One of the things I constantly have to say in Perl classes is that “You may not need this or ever use it, but you’ll probably run across some code that does”. That’s one of the reasons something like Learning Perl must partially-ignore “Best Practices”. We have to teach people to deal with bad code as well as write good code. If we only showed the latest fad, we’d alienate most of our audience since they have to work with stuff that already exists and they have little power to change drastically.
Mark A. Stratman, on 2011-03-16 16:18, said:
I’ve been on about this topic for a while now (e.g.
http://www.nntp.perl.org/group/perl.perl5.porters/2011/03/msg169804.html )
And been starting to write (and outline a talk), urging for us all to make greater efforts to acknowledge the difference between *reference* documents, and *tutorial* documents, and the goals of the readers of each.

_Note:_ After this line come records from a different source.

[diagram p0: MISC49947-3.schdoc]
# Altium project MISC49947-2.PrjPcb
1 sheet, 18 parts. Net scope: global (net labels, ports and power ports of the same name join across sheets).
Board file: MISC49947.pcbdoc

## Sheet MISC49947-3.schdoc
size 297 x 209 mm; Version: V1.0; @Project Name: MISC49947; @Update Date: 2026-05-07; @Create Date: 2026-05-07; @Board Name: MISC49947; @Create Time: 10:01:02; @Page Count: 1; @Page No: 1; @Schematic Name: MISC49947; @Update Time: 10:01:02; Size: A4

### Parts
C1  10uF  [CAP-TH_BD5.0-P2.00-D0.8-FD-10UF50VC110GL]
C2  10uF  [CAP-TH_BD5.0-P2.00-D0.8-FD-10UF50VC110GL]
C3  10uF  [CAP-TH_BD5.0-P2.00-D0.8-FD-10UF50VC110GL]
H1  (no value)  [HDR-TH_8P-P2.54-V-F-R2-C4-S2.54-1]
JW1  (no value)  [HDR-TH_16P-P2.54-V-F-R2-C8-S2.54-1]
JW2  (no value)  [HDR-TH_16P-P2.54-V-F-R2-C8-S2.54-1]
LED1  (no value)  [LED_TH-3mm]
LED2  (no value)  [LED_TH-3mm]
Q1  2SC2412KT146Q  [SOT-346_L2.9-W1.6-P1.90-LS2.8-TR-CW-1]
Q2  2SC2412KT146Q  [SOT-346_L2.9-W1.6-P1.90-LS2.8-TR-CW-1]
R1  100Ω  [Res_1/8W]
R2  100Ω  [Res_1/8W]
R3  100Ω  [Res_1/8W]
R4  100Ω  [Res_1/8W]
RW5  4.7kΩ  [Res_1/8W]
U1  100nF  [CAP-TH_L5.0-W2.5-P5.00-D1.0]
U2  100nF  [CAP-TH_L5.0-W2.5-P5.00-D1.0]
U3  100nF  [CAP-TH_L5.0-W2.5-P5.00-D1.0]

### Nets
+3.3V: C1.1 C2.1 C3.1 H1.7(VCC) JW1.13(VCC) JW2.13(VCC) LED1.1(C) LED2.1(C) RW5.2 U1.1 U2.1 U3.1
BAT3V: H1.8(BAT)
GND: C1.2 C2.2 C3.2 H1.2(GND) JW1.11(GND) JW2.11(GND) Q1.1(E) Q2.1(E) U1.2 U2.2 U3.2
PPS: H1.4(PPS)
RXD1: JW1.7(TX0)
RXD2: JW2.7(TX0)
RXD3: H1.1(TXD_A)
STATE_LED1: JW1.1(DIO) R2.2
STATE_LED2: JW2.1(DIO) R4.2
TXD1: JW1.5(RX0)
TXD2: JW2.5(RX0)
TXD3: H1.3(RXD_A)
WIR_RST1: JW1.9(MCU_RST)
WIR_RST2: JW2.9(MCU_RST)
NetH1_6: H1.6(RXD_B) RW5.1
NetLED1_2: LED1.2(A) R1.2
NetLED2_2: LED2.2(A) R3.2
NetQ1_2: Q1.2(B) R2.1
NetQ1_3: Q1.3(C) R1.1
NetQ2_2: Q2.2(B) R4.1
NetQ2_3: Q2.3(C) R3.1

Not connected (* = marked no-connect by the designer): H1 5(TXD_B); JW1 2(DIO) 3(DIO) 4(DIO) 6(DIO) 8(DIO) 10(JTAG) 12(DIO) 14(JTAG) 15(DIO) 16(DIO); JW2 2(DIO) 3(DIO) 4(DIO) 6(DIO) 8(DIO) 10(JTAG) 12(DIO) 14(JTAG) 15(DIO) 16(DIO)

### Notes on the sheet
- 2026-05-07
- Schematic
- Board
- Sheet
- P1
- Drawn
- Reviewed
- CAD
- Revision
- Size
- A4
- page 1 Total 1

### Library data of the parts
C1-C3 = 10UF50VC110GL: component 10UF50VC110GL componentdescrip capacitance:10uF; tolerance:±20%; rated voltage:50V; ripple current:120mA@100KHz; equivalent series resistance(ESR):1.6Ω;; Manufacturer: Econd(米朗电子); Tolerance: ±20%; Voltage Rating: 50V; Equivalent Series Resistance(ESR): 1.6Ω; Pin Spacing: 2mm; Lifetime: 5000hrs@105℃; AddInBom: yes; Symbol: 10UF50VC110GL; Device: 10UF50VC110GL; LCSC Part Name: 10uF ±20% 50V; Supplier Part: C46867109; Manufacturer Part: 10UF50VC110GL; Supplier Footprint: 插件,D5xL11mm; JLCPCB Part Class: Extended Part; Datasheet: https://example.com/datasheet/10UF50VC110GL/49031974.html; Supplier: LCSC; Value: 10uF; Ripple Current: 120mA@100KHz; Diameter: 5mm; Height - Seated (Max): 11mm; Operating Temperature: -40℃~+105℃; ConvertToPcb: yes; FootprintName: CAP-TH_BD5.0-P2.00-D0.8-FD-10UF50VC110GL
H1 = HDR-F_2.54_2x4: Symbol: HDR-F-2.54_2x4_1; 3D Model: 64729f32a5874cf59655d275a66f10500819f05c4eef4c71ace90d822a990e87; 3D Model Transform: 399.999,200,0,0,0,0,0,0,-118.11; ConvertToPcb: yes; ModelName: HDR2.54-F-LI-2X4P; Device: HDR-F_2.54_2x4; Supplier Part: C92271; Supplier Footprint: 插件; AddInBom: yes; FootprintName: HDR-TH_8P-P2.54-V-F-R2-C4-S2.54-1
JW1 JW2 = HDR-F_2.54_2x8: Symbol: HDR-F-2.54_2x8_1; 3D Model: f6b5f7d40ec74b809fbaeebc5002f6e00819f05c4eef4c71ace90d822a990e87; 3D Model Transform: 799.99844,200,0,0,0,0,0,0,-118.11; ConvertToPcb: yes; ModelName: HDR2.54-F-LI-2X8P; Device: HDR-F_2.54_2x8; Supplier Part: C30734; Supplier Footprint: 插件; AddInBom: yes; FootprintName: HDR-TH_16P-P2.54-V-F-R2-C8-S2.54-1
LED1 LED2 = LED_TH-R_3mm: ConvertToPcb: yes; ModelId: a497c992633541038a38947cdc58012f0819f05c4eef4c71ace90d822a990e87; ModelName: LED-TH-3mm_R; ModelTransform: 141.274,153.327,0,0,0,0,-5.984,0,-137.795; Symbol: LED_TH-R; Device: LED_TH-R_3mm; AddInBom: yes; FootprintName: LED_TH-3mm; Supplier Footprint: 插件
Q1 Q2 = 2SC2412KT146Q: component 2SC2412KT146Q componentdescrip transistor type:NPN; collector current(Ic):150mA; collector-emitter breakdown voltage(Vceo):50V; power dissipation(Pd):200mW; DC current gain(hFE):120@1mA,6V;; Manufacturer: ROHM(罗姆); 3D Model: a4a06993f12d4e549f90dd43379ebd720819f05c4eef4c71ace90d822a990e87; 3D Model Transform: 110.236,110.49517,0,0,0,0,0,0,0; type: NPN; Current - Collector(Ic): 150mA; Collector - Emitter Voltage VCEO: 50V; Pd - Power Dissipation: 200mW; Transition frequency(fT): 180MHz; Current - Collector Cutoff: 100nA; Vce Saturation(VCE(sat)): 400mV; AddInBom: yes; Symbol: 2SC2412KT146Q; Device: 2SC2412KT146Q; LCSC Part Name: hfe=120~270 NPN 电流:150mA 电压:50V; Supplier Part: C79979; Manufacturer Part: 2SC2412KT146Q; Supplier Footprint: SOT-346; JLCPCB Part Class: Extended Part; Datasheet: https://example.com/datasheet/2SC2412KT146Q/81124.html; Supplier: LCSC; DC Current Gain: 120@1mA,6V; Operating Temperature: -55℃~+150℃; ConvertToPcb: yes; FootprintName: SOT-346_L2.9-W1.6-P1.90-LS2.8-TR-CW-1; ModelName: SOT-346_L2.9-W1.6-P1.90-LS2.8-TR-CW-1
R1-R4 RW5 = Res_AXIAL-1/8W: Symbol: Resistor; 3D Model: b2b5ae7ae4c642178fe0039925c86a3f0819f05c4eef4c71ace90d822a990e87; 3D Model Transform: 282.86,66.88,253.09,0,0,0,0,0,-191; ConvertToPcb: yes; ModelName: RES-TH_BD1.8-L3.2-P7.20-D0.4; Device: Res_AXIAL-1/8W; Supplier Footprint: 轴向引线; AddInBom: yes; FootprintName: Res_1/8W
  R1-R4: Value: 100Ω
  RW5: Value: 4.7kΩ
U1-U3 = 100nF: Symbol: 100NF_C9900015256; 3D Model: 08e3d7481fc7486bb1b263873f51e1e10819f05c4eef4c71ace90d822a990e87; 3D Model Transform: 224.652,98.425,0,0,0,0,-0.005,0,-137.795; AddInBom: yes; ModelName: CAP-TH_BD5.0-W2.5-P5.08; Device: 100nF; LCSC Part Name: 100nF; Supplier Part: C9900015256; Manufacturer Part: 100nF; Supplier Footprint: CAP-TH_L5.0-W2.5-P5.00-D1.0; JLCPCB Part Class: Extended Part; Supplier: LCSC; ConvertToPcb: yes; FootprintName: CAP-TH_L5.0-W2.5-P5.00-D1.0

I’m glad to see you pushing on this branch of the discussion as well (albeit in a more articulate, and louder voice ;)
“I’d like to see more explicit discussion of who the intended readers are when we discuss core
documentation.” …
I’ve always taken for granted that the very nature of Perl is “all things to all people”, and the
result has been its monstrous and unwieldy pile of perldocs.
In my opinion this naturally leads to multiple tracks of documentation:
- Reference / API
- Tutorials
- FAQ’s / How do I… ?
and so on.
Within each track you find a different set of underlying assumptions about the reader, his/her purpose for reading, and preexisting knowledge.
Your post here seems a good first step toward getting the commuity to decide exactly what these assumptions are (then ideally, rewriting and reorganizing the docs accordingly).
That’s my 20-second projected approach to this question anyhow. I’m curious to see where you’re going with this though. :)
Robert, on 2011-03-19 20:44, said:
I think by default if someone is looking up how to do OO in Perl, that person is NOT a newbie.
Dave Rolsky, on 2011-03-19 23:10, said:
@Robert: I alluded to this a bit in my blog entry, but “newbieness” is all relative. Someone could
know OO but not know OO in Perl. Someone could know Perl but not know OO.
I think by definition anyone wanting to read a tutorial on OO in Perl is probably new to that topic. That’s the readership that something called a tutorial attracts.